In this episode, producer Sara Potts investigates multiple overlapping histories at Gettysburg National Military Park: from the official account of the National Park Service to the long ignored African American presence at the site. Through a number of interviews, we reflect on the potential for memory and remembrance at a monument that comprises an entire landscape—the site of the most famous battle of the American Civil War. With Gettysburg continuing to be contested and negotiated in today’s political environment, how do we grapple with and represent conflicting histories in a way that is compelling and constructive?
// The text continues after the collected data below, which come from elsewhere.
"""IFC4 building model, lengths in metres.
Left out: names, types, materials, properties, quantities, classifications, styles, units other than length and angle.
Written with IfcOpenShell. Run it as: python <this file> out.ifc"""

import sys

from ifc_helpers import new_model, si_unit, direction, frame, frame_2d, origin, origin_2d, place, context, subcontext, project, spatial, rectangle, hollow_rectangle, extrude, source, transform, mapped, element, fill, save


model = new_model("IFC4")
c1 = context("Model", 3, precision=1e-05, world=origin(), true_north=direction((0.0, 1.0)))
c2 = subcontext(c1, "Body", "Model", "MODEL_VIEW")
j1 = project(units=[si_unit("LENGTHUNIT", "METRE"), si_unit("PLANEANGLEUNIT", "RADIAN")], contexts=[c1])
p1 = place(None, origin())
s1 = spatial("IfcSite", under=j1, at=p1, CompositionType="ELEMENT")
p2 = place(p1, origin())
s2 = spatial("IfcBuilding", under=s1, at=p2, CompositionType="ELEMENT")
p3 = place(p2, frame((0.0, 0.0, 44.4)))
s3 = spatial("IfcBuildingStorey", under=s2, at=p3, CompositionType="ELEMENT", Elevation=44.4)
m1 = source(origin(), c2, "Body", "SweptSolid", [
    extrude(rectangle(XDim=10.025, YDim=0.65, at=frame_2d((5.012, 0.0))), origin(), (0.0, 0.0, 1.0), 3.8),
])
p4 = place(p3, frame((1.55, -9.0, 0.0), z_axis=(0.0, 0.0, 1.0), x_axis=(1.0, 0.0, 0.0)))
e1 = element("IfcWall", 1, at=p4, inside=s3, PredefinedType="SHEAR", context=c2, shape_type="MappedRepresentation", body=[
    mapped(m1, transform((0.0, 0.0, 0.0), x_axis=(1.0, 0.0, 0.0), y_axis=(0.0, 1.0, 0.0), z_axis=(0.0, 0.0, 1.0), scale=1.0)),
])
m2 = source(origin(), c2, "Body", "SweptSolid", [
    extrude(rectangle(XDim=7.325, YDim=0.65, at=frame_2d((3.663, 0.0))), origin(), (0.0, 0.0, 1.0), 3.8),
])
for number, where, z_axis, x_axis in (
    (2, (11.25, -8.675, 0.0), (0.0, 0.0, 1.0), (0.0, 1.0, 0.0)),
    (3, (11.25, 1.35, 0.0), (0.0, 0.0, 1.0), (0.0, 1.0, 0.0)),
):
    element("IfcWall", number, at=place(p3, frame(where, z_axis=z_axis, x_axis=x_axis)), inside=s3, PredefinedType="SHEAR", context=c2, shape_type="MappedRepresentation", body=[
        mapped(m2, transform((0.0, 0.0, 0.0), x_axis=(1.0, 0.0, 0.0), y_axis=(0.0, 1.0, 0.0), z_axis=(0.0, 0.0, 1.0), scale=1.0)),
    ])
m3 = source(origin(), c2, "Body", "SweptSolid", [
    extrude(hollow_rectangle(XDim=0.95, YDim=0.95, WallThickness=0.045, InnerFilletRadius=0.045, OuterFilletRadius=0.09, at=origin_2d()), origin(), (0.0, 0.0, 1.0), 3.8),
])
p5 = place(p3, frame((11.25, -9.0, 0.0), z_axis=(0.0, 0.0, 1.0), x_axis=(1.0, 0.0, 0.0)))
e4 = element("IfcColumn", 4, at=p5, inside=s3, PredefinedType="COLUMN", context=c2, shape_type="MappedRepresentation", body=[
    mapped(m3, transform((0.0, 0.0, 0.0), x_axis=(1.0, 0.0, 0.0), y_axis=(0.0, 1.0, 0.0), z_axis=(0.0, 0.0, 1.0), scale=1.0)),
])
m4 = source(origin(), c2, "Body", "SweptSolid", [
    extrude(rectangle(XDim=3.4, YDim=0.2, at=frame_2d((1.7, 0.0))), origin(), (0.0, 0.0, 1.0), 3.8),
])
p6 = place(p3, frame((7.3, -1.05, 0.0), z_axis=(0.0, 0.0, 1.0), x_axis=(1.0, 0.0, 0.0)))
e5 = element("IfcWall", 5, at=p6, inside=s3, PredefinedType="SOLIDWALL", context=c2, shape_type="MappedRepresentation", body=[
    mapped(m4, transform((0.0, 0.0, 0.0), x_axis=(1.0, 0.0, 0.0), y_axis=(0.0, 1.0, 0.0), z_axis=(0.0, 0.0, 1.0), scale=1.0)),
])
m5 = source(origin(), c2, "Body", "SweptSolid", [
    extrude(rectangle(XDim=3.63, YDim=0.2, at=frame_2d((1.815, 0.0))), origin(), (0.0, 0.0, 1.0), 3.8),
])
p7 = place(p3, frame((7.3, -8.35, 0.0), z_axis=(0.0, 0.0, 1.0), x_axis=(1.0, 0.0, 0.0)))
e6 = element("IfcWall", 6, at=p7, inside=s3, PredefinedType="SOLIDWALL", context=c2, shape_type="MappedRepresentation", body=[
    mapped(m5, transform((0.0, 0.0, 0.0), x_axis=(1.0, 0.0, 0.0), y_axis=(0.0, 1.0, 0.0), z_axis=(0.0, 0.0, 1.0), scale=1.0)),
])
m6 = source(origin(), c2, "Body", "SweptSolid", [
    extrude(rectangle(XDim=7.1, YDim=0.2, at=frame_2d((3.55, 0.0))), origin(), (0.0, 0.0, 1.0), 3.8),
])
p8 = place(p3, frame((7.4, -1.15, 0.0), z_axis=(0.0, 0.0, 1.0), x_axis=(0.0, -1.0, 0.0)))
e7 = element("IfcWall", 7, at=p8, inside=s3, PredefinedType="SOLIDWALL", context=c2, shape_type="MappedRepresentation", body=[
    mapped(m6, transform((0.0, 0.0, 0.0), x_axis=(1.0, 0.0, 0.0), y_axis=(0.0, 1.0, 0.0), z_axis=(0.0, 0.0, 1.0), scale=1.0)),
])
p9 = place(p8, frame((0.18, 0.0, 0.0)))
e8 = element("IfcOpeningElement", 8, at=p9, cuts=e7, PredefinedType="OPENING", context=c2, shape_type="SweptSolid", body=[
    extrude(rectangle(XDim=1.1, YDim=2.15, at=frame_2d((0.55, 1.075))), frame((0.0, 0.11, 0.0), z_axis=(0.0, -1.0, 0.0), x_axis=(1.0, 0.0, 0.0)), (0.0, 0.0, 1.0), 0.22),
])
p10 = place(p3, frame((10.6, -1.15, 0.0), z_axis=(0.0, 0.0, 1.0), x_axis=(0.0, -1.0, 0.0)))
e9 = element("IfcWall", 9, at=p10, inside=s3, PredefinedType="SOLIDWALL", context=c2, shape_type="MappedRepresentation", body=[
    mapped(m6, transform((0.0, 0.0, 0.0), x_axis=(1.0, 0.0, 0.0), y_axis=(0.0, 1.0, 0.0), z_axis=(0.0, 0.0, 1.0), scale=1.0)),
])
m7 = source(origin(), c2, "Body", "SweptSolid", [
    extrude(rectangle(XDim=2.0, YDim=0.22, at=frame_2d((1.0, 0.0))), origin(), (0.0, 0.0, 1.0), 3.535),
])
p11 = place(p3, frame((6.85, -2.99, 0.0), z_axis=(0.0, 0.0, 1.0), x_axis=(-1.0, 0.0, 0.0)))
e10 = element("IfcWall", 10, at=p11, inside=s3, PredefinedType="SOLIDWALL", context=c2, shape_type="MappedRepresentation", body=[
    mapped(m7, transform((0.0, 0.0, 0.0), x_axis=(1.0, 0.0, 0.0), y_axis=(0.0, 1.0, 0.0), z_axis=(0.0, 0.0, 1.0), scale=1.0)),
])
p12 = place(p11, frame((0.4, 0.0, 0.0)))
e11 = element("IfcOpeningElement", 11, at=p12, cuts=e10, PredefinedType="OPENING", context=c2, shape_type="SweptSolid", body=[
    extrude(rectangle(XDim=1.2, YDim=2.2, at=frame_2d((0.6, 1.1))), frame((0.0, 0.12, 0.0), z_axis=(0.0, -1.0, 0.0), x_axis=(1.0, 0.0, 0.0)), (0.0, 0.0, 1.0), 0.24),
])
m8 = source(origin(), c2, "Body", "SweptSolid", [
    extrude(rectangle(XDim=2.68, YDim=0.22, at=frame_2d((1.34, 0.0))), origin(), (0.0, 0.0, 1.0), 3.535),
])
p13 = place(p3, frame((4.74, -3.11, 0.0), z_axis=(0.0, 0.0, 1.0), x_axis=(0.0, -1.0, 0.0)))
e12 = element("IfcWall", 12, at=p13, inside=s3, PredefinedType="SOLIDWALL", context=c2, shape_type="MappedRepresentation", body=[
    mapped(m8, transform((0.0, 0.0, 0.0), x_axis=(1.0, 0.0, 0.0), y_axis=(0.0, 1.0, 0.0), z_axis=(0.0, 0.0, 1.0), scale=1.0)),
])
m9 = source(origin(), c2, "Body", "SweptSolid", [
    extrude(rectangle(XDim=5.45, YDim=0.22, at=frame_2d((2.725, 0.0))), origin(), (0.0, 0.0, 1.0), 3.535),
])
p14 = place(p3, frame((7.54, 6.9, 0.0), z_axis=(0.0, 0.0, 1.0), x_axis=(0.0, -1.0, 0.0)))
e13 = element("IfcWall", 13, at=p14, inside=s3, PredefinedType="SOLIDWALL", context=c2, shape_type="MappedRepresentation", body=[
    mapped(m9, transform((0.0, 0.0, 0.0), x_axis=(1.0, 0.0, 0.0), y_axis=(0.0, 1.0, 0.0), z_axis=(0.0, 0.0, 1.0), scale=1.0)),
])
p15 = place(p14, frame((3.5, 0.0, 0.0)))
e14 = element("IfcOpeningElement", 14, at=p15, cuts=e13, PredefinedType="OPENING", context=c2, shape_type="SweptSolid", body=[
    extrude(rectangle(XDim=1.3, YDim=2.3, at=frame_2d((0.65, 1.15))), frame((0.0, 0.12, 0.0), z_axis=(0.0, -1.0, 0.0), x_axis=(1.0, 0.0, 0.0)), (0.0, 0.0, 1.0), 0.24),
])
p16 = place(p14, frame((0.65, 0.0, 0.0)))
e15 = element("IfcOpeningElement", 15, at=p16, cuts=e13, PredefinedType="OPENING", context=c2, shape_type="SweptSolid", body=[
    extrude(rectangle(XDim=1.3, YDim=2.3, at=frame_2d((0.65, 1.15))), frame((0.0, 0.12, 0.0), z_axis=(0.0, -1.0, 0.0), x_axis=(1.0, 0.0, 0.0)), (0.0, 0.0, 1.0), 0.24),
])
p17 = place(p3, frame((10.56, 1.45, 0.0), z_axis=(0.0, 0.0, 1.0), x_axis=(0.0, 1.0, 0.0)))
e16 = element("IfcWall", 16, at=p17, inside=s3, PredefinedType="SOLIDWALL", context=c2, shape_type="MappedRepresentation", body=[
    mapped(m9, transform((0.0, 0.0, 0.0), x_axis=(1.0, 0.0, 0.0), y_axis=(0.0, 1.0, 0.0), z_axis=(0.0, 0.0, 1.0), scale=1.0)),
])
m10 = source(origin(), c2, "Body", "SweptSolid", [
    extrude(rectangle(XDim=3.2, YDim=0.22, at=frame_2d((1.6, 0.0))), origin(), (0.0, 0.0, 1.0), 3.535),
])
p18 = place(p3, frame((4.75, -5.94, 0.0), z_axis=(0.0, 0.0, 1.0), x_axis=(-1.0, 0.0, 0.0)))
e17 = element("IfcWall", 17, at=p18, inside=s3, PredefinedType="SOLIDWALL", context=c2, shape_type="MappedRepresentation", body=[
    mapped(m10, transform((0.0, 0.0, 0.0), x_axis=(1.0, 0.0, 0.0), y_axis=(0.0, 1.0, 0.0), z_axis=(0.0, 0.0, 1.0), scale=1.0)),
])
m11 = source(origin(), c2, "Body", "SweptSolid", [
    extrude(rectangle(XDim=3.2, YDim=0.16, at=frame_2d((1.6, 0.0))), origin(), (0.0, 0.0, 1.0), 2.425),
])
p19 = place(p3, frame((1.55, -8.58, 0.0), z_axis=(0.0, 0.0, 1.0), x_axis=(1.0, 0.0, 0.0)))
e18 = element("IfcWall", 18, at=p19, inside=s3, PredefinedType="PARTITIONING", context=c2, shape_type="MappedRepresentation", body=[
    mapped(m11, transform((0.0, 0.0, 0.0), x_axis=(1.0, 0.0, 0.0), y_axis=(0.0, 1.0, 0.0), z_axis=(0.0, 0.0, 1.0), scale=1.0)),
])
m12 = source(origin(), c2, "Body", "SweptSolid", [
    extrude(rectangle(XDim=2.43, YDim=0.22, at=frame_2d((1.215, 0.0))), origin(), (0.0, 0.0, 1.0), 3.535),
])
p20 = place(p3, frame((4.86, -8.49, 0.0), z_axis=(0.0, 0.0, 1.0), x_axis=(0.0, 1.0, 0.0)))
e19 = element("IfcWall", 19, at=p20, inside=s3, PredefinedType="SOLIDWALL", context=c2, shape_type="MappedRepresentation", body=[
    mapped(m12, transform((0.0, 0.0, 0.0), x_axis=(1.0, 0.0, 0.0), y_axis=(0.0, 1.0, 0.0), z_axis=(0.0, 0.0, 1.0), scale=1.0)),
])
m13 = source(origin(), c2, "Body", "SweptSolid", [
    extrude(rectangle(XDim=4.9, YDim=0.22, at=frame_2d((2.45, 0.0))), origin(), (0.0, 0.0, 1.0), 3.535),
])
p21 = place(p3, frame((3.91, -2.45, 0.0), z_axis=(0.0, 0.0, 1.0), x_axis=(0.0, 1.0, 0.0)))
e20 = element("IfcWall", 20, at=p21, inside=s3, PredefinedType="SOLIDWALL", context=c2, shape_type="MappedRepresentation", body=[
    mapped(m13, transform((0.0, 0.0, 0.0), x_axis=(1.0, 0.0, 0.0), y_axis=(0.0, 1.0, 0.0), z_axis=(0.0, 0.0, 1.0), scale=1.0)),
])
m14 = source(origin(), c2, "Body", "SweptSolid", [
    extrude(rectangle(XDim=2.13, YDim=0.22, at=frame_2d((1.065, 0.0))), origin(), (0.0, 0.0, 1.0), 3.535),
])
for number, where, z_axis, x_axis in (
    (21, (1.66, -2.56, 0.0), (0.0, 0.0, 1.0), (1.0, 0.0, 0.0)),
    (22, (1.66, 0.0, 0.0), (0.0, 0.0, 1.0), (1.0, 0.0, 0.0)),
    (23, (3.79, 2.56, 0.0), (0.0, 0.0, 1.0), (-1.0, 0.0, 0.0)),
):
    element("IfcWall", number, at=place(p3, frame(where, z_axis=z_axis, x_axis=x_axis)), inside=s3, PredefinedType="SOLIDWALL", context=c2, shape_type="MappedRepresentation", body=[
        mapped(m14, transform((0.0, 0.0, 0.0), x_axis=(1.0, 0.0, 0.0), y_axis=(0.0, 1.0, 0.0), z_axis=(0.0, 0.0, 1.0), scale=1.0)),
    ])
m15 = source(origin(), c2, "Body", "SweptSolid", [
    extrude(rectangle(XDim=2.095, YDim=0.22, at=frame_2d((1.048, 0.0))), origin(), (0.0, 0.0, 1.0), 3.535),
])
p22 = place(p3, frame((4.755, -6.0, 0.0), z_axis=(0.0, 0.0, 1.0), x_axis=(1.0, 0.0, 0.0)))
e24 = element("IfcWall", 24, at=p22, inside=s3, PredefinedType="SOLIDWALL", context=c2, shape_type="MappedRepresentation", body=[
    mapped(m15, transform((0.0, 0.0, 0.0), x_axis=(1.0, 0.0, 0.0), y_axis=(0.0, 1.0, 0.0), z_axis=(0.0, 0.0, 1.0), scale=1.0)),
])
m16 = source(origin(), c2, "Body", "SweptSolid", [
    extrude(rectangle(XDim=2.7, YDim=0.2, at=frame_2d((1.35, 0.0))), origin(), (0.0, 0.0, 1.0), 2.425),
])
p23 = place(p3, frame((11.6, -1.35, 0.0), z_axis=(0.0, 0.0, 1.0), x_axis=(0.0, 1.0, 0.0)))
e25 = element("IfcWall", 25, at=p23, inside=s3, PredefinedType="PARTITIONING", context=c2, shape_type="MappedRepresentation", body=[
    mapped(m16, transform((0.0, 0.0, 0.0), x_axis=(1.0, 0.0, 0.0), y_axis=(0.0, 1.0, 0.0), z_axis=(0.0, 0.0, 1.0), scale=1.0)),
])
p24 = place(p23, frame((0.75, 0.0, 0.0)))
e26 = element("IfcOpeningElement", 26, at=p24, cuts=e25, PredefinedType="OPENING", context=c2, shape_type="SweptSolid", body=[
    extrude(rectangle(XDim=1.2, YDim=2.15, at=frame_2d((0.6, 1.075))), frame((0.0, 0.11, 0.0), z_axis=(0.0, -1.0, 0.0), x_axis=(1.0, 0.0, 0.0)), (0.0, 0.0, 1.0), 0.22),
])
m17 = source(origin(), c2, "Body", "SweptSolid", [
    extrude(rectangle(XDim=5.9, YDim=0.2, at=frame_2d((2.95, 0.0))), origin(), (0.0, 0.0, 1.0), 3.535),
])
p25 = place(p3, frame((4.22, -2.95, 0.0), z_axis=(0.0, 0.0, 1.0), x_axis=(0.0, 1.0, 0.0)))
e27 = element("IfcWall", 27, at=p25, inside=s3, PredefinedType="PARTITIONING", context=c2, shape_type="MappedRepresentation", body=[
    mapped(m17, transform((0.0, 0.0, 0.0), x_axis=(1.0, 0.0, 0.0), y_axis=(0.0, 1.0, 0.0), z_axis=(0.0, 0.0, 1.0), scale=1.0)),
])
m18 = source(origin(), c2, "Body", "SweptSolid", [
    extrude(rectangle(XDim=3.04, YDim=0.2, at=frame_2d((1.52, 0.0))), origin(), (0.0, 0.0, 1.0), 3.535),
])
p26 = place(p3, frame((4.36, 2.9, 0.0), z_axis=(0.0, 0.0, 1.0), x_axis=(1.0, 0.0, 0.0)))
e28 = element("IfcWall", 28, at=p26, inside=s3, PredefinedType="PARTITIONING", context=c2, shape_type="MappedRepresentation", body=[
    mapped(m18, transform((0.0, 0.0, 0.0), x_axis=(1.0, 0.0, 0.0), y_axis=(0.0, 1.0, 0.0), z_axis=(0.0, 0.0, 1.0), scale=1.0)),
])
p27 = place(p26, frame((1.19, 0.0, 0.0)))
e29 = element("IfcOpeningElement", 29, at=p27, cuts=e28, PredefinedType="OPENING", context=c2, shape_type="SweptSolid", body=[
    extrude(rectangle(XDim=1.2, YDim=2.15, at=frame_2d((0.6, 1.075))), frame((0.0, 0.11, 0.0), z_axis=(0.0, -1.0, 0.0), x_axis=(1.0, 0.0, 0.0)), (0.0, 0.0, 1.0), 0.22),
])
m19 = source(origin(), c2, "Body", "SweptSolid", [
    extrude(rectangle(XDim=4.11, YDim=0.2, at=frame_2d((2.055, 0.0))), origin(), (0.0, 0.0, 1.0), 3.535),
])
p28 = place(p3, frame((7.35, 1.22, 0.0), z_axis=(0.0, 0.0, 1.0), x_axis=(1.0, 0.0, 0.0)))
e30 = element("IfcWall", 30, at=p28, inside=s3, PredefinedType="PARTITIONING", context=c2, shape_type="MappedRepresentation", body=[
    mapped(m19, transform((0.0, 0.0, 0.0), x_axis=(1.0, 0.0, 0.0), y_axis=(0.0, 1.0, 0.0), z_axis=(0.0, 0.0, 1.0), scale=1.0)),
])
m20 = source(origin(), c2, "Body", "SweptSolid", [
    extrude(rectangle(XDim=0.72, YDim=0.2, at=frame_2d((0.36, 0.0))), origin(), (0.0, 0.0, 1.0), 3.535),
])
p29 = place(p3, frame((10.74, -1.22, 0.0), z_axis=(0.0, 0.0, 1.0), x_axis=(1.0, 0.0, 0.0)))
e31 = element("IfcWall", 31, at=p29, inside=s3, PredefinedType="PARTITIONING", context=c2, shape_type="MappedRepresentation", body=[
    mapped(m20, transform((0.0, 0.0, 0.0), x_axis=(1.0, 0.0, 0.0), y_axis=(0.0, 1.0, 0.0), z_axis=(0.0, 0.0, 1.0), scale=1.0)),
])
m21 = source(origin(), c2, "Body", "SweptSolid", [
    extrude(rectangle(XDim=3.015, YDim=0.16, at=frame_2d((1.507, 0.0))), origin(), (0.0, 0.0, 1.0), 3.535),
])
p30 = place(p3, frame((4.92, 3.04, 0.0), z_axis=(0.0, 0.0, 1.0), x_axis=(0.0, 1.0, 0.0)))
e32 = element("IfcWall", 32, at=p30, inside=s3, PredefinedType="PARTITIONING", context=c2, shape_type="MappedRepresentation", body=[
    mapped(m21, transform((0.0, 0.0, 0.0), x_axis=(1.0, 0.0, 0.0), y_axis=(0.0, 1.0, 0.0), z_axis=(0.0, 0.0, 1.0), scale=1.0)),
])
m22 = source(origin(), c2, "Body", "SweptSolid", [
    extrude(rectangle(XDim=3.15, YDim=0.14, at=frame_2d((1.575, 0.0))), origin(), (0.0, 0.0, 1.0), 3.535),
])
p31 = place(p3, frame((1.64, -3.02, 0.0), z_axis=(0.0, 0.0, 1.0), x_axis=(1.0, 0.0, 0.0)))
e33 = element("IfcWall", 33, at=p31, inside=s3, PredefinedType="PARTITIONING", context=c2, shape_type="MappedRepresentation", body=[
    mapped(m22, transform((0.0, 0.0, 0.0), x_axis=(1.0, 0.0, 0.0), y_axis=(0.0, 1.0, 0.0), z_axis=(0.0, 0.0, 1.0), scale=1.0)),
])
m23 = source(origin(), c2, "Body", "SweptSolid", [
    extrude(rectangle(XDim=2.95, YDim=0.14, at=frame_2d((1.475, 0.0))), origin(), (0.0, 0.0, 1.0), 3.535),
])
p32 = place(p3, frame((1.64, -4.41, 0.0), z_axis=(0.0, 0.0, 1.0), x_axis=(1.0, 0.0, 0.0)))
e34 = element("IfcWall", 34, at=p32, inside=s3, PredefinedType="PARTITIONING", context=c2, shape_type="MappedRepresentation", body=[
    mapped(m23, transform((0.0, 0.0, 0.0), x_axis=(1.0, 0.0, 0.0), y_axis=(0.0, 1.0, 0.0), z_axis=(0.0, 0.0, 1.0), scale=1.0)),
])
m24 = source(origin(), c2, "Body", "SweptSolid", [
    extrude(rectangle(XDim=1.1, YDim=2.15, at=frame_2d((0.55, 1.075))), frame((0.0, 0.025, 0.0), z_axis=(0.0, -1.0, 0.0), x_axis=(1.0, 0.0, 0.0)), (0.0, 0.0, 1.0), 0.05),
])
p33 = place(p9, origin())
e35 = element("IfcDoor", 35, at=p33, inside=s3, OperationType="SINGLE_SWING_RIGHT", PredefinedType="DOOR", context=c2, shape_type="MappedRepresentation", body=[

Listen on Apple Podcasts | Listen on Google Podcasts | Listen on Spotify Podcasts

About this episode of Monument Biography

About the host:

Sara Potts is a second-year M.A. focusing on 20th century Mexican printmaking and institutional critique. Her master’s thesis examines the intersection between the prints Taller de Gráfica Popular and the Mexican feminist movement of the 1940s, revealing the lack of scholarship on female TGP artists and their socially conscious narratives. She received her B.A. in Art History from the University of Utah in 2018. Her work experience includes the prestigious Fox School of Business Board Fellowship program, a curatorial internship at the Utah Museum of Fine Arts, and positions as Social Media Consultant for Brandywine Workshop and Archives and Visitor Experience Manager at the Leonardo Museum. Currently, she works as an educator at the Museum of the American Revolution in Philadelphia.

About the guests:

Christopher Gwinn is the Supervisory Park Ranger for the division of Interpretation and Education at the Gettysburg National Military Park. Gwinn has worked in the Park Service since 2006, holding positions at various battlefield sites such as Antietam National Battlefield and the Boston National Historical Park.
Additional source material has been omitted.